Other Random Things I Know:



  • You will encounter the worst traffic on 64, 70, and 170. Traffic typically flows into the city during the morning commute and out of the city during the evening commute. AM rush hour tends to be between 7 AM and 8 AM. Evening rush hour seems to be 3:30 PM to 6:30 PM.
  • http://www.beallmansion.com/about/driving_in_st_louis.html
  • St. Louis LOVES red light cameras, and you ARE legally responsible for paying red light violations (even if you have out-of-state plates! Don’t ask me how I know this!) Be very careful at all red lights. If you are turning right, come to a complete stop first.
  • St. Louis is good at plowing major roads when it snows. St. Louis is not good at plowing side streets when it snows. This is good because you need to drive on major roads to get to work. This is bad because you will live on a side street. Luckily, you’re a teacher, and if the roads are bad, you won’t have to go to work. Darn.



  • Crime statistics will freak you out.
  • Crime is a reality in any city.
  • Prevention is better than whatever else there is besides prevention.
  • I’m not saying not to be aware of crime statistics or happenings, but be very careful to be critical of the media sensationalizing crime. Also, crime statistics in St. Louis and East St. Louis are skewed. Reports of this being the most dangerous city or having the highest number of crimes may not be valid. There are a lot of complicated reasons why which you can research and debate at your leisure, but I’m just saying, you can let fear run your life, or you can become informed and realize that St. Louis is relatively safe.
  • Abandoned buildings are common in St. Louis. There has been a huge population flight from our city over the past 50 years. Just because you see an abandoned or run-down building does not mean you are on in a “bad neighborhood”.
  • If you know me, then you know that I don’t abide by political correctness. I do, however, attempt to maintain respect, and therefore implore you to be respectful when discussing the neighborhoods of St. Louis. I don’t care how much you play the “where did you go to high school” game, you still never know where someone is from. Referring to a certain place as “the hood” or a “bad neighborhood” could deeply offend someone, especially in a town where our roots are so closely tied to the intersection we grew up on. Just because a place is different than what you are used to does not make it a bad neighborhood.

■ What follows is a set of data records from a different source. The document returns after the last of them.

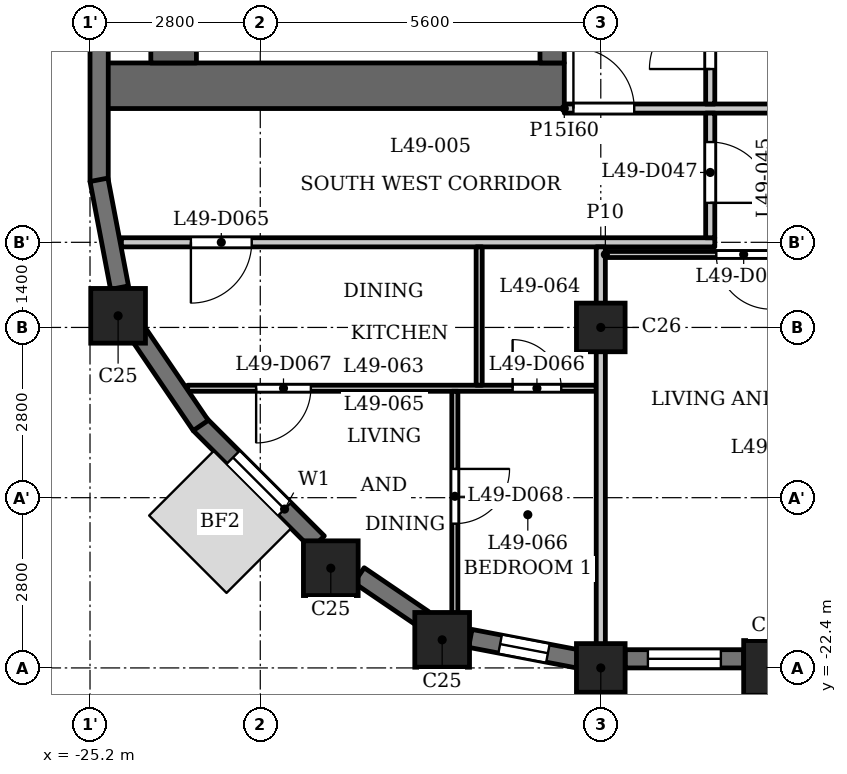
"""IFC4 building model, lengths in metres.
Left out: names, types, materials, properties, quantities, classifications, styles, units other than length and angle.
Written with IfcOpenShell. Run it as: python <this file> out.ifc"""

import sys

from ifc_helpers import new_model, si_unit, direction, frame, frame_2d, origin, origin_2d, place, context, subcontext, project, spatial, rectangle, extrude, element, fill, save


model = new_model("IFC4")
c1 = context("Model", 3, precision=1e-05, world=origin(), true_north=direction((0.0, 1.0)))
c2 = subcontext(c1, "Body", "Model", "MODEL_VIEW")
j1 = project(units=[si_unit("LENGTHUNIT", "METRE"), si_unit("PLANEANGLEUNIT", "RADIAN")], contexts=[c1])
p1 = place(None, origin())
s1 = spatial("IfcSite", under=j1, at=p1, CompositionType="ELEMENT")
p2 = place(p1, origin())
s2 = spatial("IfcBuilding", under=s1, at=p2, CompositionType="ELEMENT")
p3 = place(p2, frame((0.0, 0.0, 192.4)))
s3 = spatial("IfcBuildingStorey", under=s2, at=p3, CompositionType="ELEMENT", Elevation=192.4)
for number, where, z_axis, x_axis in (
    (1, (-19.409, -21.938, 0.0), (0.0, 0.0, 1.0), (1.0, 0.0, 0.0)),
    (2, (-14.0, -22.4, 0.0), (0.0, 0.0, 1.0), (1.0, 0.0, 0.0)),
    (3, (-24.738, -16.609, 0.0), (0.0, 0.0, 1.0), (1.0, 0.0, 0.0)),
    (4, (-21.24, -20.76, 0.0), (0.0, 0.0, 1.0), (1.0, 0.0, 0.0)),
):
    element("IfcColumn", number, at=place(p3, frame(where, z_axis=z_axis, x_axis=x_axis)), inside=s3, PredefinedType="COLUMN", context=c2, shape_type="SweptSolid", body=[
        extrude(rectangle(XDim=0.9, YDim=0.9, at=origin_2d()), origin(), (0.0, 0.0, 1.0), 3.5),
    ])
for number, where, z_axis, x_axis in (
    (5, (-16.8, -22.4, 0.0), (0.0, 0.0, 1.0), (1.0, 0.0, 0.0)),
    (6, (-16.8, -16.8, 0.0), (0.0, 0.0, 1.0), (1.0, 0.0, 0.0)),
):
    element("IfcColumn", number, at=place(p3, frame(where, z_axis=z_axis, x_axis=x_axis)), inside=s3, PredefinedType="COLUMN", context=c2, shape_type="SweptSolid", body=[
        extrude(rectangle(XDim=0.8, YDim=0.8, at=origin_2d()), origin(), (0.0, 0.0, 1.0), 3.5),
    ])
p4 = place(p3, frame((-23.397, -18.391, 0.0), z_axis=(0.0, 0.0, 1.0), x_axis=(0.707106781187, -0.707106781187, 0.0)))
e7 = element("IfcWall", 7, at=p4, inside=s3, PredefinedType="SOLIDWALL", context=c2, shape_type="SweptSolid", body=[
    extrude(rectangle(XDim=2.75, YDim=0.3, at=frame_2d((1.375, 0.0))), origin(), (0.0, 0.0, 1.0), 2.5),
])
p5 = place(p4, frame((0.775, 0.0, 0.6)))
e8 = element("IfcOpeningElement", 8, at=p5, cuts=e7, PredefinedType="OPENING", context=c2, shape_type="SweptSolid", body=[
    extrude(rectangle(XDim=1.2, YDim=1.55, at=frame_2d((0.6, 0.775))), frame((0.0, 0.16, 0.0), z_axis=(0.0, -1.0, 0.0), x_axis=(1.0, 0.0, 0.0)), (0.0, 0.0, 1.0), 0.32),
])
p6 = place(p3, frame((-20.775, -20.876, 0.0), z_axis=(0.0, 0.0, 1.0), x_axis=(0.827075824828, -0.562090366388, 0.0)))
e9 = element("IfcWall", 9, at=p6, inside=s3, PredefinedType="SOLIDWALL", context=c2, shape_type="SweptSolid", body=[
    extrude(rectangle(XDim=1.277, YDim=0.3, at=frame_2d((0.638, 0.0))), origin(), (0.0, 0.0, 1.0), 2.5),
])
p7 = place(p3, frame((-18.946, -21.914, 0.0), z_axis=(0.0, 0.0, 1.0), x_axis=(0.98230529033, -0.187286722942, 0.0)))
e10 = element("IfcWall", 10, at=p7, inside=s3, PredefinedType="SOLIDWALL", context=c2, shape_type="SweptSolid", body=[
    extrude(rectangle(XDim=1.799, YDim=0.3, at=frame_2d((0.899, 0.0))), origin(), (0.0, 0.0, 1.0), 2.5),
])
p8 = place(p7, frame((0.5, 0.0, 0.6)))
e11 = element("IfcOpeningElement", 11, at=p8, cuts=e10, PredefinedType="OPENING", context=c2, shape_type="SweptSolid", body=[
    extrude(rectangle(XDim=0.8, YDim=1.55, at=frame_2d((0.4, 0.775))), frame((0.0, 0.16, 0.0), z_axis=(0.0, -1.0, 0.0), x_axis=(1.0, 0.0, 0.0)), (0.0, 0.0, 1.0), 0.32),
])
p9 = place(p3, frame((-16.4, -22.25, 0.0), z_axis=(0.0, 0.0, 1.0), x_axis=(1.0, 0.0, 0.0)))
e12 = element("IfcWall", 12, at=p9, inside=s3, PredefinedType="SOLIDWALL", context=c2, shape_type="SweptSolid", body=[
    extrude(rectangle(XDim=1.95, YDim=0.3, at=frame_2d((0.975, 0.0))), origin(), (0.0, 0.0, 1.0), 2.5),
])
p10 = place(p9, frame((0.375, 0.0, 0.6)))
e13 = element("IfcOpeningElement", 13, at=p10, cuts=e12, PredefinedType="OPENING", context=c2, shape_type="SweptSolid", body=[
    extrude(rectangle(XDim=1.2, YDim=1.55, at=frame_2d((0.6, 0.775))), frame((0.0, 0.16, 0.0), z_axis=(0.0, -1.0, 0.0), x_axis=(1.0, 0.0, 0.0)), (0.0, 0.0, 1.0), 0.32),
])
p11 = place(p3, frame((-25.05, -11.65, 0.0), z_axis=(0.0, 0.0, 1.0), x_axis=(0.0, -1.0, 0.0)))
e14 = element("IfcWall", 14, at=p11, inside=s3, PredefinedType="SOLIDWALL", context=c2, shape_type="SweptSolid", body=[
    extrude(rectangle(XDim=2.75, YDim=0.3, at=frame_2d((1.375, 0.0))), origin(), (0.0, 0.0, 1.0), 2.5),
])
for number, where, z_axis, x_axis in (
    (15, (-25.053, -14.372, 0.0), (0.0, 0.0, 1.0), (0.187, -0.982, 0.0)),
    (16, (-24.394, -16.919, 0.0), (0.0, 0.0, 1.0), (0.562, -0.827, 0.0)),
):
    element("IfcWall", number, at=place(p3, frame(where, z_axis=z_axis, x_axis=x_axis)), inside=s3, PredefinedType="SOLIDWALL", context=c2, shape_type="SweptSolid", body=[
        extrude(rectangle(XDim=1.806, YDim=0.3, at=frame_2d((0.903, 0.0))), origin(), (0.0, 0.0, 1.0), 2.5),
    ])
p12 = place(p3, frame((-17.4, -12.825, 0.0), z_axis=(0.0, 0.0, 1.0), x_axis=(-1.0, 0.0, 0.0)))
e17 = element("IfcWall", 17, at=p12, inside=s3, PredefinedType="SHEAR", context=c2, shape_type="SweptSolid", body=[
    extrude(rectangle(XDim=7.6, YDim=0.75, at=frame_2d((3.8, 0.0))), origin(), (0.0, 0.0, 1.0), 3.2),
])
p13 = place(p3, frame((-17.6, -12.45, 0.0), z_axis=(0.0, 0.0, 1.0), x_axis=(0.0, 1.0, 0.0)))
e18 = element("IfcWall", 18, at=p13, inside=s3, PredefinedType="SHEAR", context=c2, shape_type="SweptSolid", body=[
    extrude(rectangle(XDim=24.9, YDim=0.4, at=frame_2d((12.45, 0.0))), origin(), (0.0, 0.0, 1.0), 3.2),
])
p14 = place(p13, frame((6.325, 0.0, 0.0)))
e19 = element("IfcOpeningElement", 19, at=p14, cuts=e18, PredefinedType="OPENING", context=c2, shape_type="SweptSolid", body=[
    extrude(rectangle(XDim=0.9, YDim=2.1, at=frame_2d((0.45, 1.05))), frame((0.0, 0.21, 0.0), z_axis=(0.0, -1.0, 0.0), x_axis=(1.0, 0.0, 0.0)), (0.0, 0.0, 1.0), 0.42),
])
p15 = place(p13, frame((9.925, 0.0, 0.0)))
e20 = element("IfcOpeningElement", 20, at=p15, cuts=e18, PredefinedType="OPENING", context=c2, shape_type="SweptSolid", body=[
    extrude(rectangle(XDim=0.9, YDim=2.1, at=frame_2d((0.45, 1.05))), frame((0.0, 0.21, 0.0), z_axis=(0.0, -1.0, 0.0), x_axis=(1.0, 0.0, 0.0)), (0.0, 0.0, 1.0), 0.42),
])
p16 = place(p13, frame((15.6, 0.0, 0.0)))
e21 = element("IfcOpeningElement", 21, at=p16, cuts=e18, PredefinedType="OPENING", context=c2, shape_type="SweptSolid", body=[
    extrude(rectangle(XDim=1.1, YDim=2.1, at=frame_2d((0.55, 1.05))), frame((0.0, 0.21, 0.0), z_axis=(0.0, -1.0, 0.0), x_axis=(1.0, 0.0, 0.0)), (0.0, 0.0, 1.0), 0.42),
])
p17 = place(p13, frame((18.0, 0.0, 0.0)))
e22 = element("IfcOpeningElement", 22, at=p17, cuts=e18, PredefinedType="OPENING", context=c2, shape_type="SweptSolid", body=[
    extrude(rectangle(XDim=1.1, YDim=2.1, at=frame_2d((0.55, 1.05))), frame((0.0, 0.21, 0.0), z_axis=(0.0, -1.0, 0.0), x_axis=(1.0, 0.0, 0.0)), (0.0, 0.0, 1.0), 0.42),
])
p18 = place(p13, frame((23.025, 0.0, 0.0)))
e23 = element("IfcOpeningElement", 23, at=p18, cuts=e18, PredefinedType="OPENING", context=c2, shape_type="SweptSolid", body=[
    extrude(rectangle(XDim=1.1, YDim=2.1, at=frame_2d((0.55, 1.05))), frame((0.0, 0.21, 0.0), z_axis=(0.0, -1.0, 0.0), x_axis=(1.0, 0.0, 0.0)), (0.0, 0.0, 1.0), 0.42),
])
p19 = place(p13, frame((0.775, 0.0, 0.0)))
e24 = element("IfcOpeningElement", 24, at=p19, cuts=e18, PredefinedType="OPENING", context=c2, shape_type="SweptSolid", body=[
    extrude(rectangle(XDim=1.1, YDim=2.1, at=frame_2d((0.55, 1.05))), frame((0.0, 0.21, 0.0), z_axis=(0.0, -1.0, 0.0), x_axis=(1.0, 0.0, 0.0)), (0.0, 0.0, 1.0), 0.42),
])
p20 = place(p13, frame((12.925, 0.0, 0.0)))
e25 = element("IfcOpeningElement", 25, at=p20, cuts=e18, PredefinedType="OPENING", context=c2, shape_type="SweptSolid", body=[
    extrude(rectangle(XDim=1.8, YDim=2.1, at=frame_2d((0.9, 1.05))), frame((0.0, 0.21, 0.0), z_axis=(0.0, -1.0, 0.0), x_axis=(1.0, 0.0, 0.0)), (0.0, 0.0, 1.0), 0.42),
])
p21 = place(p3, frame((-23.825, -12.45, 0.0), z_axis=(0.0, 0.0, 1.0), x_axis=(0.0, 1.0, 0.0)))
e26 = element("IfcWall", 26, at=p21, inside=s3, PredefinedType="SHEAR", context=c2, shape_type="SweptSolid", body=[
    extrude(rectangle(XDim=24.9, YDim=0.75, at=frame_2d((12.45, 0.0))), origin(), (0.0, 0.0, 1.0), 3.2),
])
p22 = place(p3, frame((-23.594, -17.8, 0.0), z_axis=(0.0, 0.0, 1.0), x_axis=(1.0, 0.0, 0.0)))
e27 = element("IfcWall", 27, at=p22, inside=s3, PredefinedType="PARTITIONING", context=c2, shape_type="SweptSolid", body=[
    extrude(rectangle(XDim=6.719, YDim=0.1, at=frame_2d((3.359, 0.0))), origin(), (0.0, 0.0, 1.0), 3.2),
])
p23 = place(p22, frame((5.344, 0.0, 0.0)))
e28 = element("IfcOpeningElement", 28, at=p23, cuts=e27, PredefinedType="OPENING", context=c2, shape_type="SweptSolid", body=[
    extrude(rectangle(XDim=0.8, YDim=2.1, at=frame_2d((0.4, 1.05))), frame((0.0, 0.06, 0.0), z_axis=(0.0, -1.0, 0.0), x_axis=(1.0, 0.0, 0.0)), (0.0, 0.0, 1.0), 0.12),
])
p24 = place(p22, frame((1.126, 0.0, 0.0)))
e29 = element("IfcOpeningElement", 29, at=p24, cuts=e27, PredefinedType="OPENING", context=c2, shape_type="SweptSolid", body=[
    extrude(rectangle(XDim=0.9, YDim=2.1, at=frame_2d((0.45, 1.05))), frame((0.0, 0.06, 0.0), z_axis=(0.0, -1.0, 0.0), x_axis=(1.0, 0.0, 0.0)), (0.0, 0.0, 1.0), 0.12),
])
p25 = place(p3, frame((-16.725, -15.6, 0.0), z_axis=(0.0, 0.0, 1.0), x_axis=(1.0, 0.0, 0.0)))
e30 = element("IfcWall", 30, at=p25, inside=s3, PredefinedType="PARTITIONING", context=c2, shape_type="SweptSolid", body=[
    extrude(rectangle(XDim=33.45, YDim=0.1, at=frame_2d((16.725, 0.0))), origin(), (0.0, 0.0, 1.0), 3.2),
])
p26 = place(p25, frame((4.075, 0.0, 0.0)))
e31 = element("IfcOpeningElement", 31, at=p26, cuts=e30, PredefinedType="OPENING", context=c2, shape_type="SweptSolid", body=[
    extrude(rectangle(XDim=0.8, YDim=2.1, at=frame_2d((0.4, 1.05))), frame((0.0, 0.06, 0.0), z_axis=(0.0, -1.0, 0.0), x_axis=(1.0, 0.0, 0.0)), (0.0, 0.0, 1.0), 0.12),
])
p27 = place(p25, frame((1.825, 0.0, 0.0)))
e32 = element("IfcOpeningElement", 32, at=p27, cuts=e30, PredefinedType="OPENING", context=c2, shape_type="SweptSolid", body=[
    extrude(rectangle(XDim=0.9, YDim=2.1, at=frame_2d((0.45, 1.05))), frame((0.0, 0.06, 0.0), z_axis=(0.0, -1.0, 0.0), x_axis=(1.0, 0.0, 0.0)), (0.0, 0.0, 1.0), 0.12),
])
p28 = place(p25, frame((9.675, 0.0, 0.0)))
e33 = element("IfcOpeningElement", 33, at=p28, cuts=e30, PredefinedType="OPENING", context=c2, shape_type="SweptSolid", body=[
    extrude(rectangle(XDim=0.8, YDim=2.1, at=frame_2d((0.4, 1.05))), frame((0.0, 0.06, 0.0), z_axis=(0.0, -1.0, 0.0), x_axis=(1.0, 0.0, 0.0)), (0.0, 0.0, 1.0), 0.12),
])
p29 = place(p25, frame((14.025, 0.0, 0.0)))
e34 = element("IfcOpeningElement", 34, at=p29, cuts=e30, PredefinedType="OPENING", context=c2, shape_type="SweptSolid", body=[
    extrude(rectangle(XDim=0.9, YDim=2.1, at=frame_2d((0.45, 1.05))), frame((0.0, 0.06, 0.0), z_axis=(0.0, -1.0, 0.0), x_axis=(1.0, 0.0, 0.0)), (0.0, 0.0, 1.0), 0.12),
])
p30 = place(p25, frame((20.875, 0.0, 0.0)))
e35 = element("IfcOpeningElement", 35, at=p30, cuts=e30, PredefinedType="OPENING", context=c2, shape_type="SweptSolid", body=[
    extrude(rectangle(XDim=0.8, YDim=2.1, at=frame_2d((0.4, 1.05))), frame((0.0, 0.06, 0.0), z_axis=(0.0, -1.0, 0.0), x_axis=(1.0, 0.0, 0.0)), (0.0, 0.0, 1.0), 0.12),
])
p31 = place(p25, frame((25.225, 0.0, 0.0)))
e36 = element("IfcOpeningElement", 36, at=p31, cuts=e30, PredefinedType="OPENING", context=c2, shape_type="SweptSolid", body=[
    extrude(rectangle(XDim=0.9, YDim=2.1, at=frame_2d((0.45, 1.05))), frame((0.0, 0.06, 0.0), z_axis=(0.0, -1.0, 0.0), x_axis=(1.0, 0.0, 0.0)), (0.0, 0.0, 1.0), 0.12),
])
p32 = place(p25, frame((28.475, 0.0, 0.0)))
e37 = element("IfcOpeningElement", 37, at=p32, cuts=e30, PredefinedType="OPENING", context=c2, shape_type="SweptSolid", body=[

  • If you are concerned about break-ins, which is the crime you are probably most likely to be the victim of in St. Louis, keep valuables in a safe that you bolt to the floor or a safe deposit box at your bank.
  • Get renter’s insurance if you care about your stuff.
  • Get a steering wheel lock if you care about your car (and use it every time).
  • Do not leave ANYTHING in your car. Not a GPS. Not a camera. Not a credit card. Wipe the crap your GPS mount leaves off your windshield.
  • Get this (http://www.homesecuritystore.com/p-1524-la98001-kimber-la98001-pepper-blaster-ii.aspx) and learn how to use it. I have dealt with this company and they are awesome. I like the Kimber Pepper Blaster I better—it is more inconspicuous, doesn’t have a handle, and looks more like a pager. If you are going to carry a weapon, this is my personal recommendation. Just make sure you don’t bring it with you to school.
  • Have a plan of what you will do if you get mugged. This is the crime you are probably the second most likely to be the victim of. Try to prevent it by never walking alone and being aware of your surroundings. If you do get mugged, what will you do? Will you surrender your purse (which is recommended by pretty much any source you talk to), or will you fight? Will you scream? Will you bark like a dog? Good advice I heard is to keep your phone in a different place than your wallet. Show the mugger your wallet so he/she can see the cash, then throw it as far away from you as you can. Run the other way with your cell phone and call the cops.
  • Keep the police non-emergency number in your phone (314-231-1212) for those times when you just aren’t sure and don’t have the guts to call 911, but it’s better safe than sorry.
  • If you are experienced with a gun or already have a gun, make sure you take care of what you need to in order to transport it into Missouri (http://ago.mo.gov/Concealed-Weapons/).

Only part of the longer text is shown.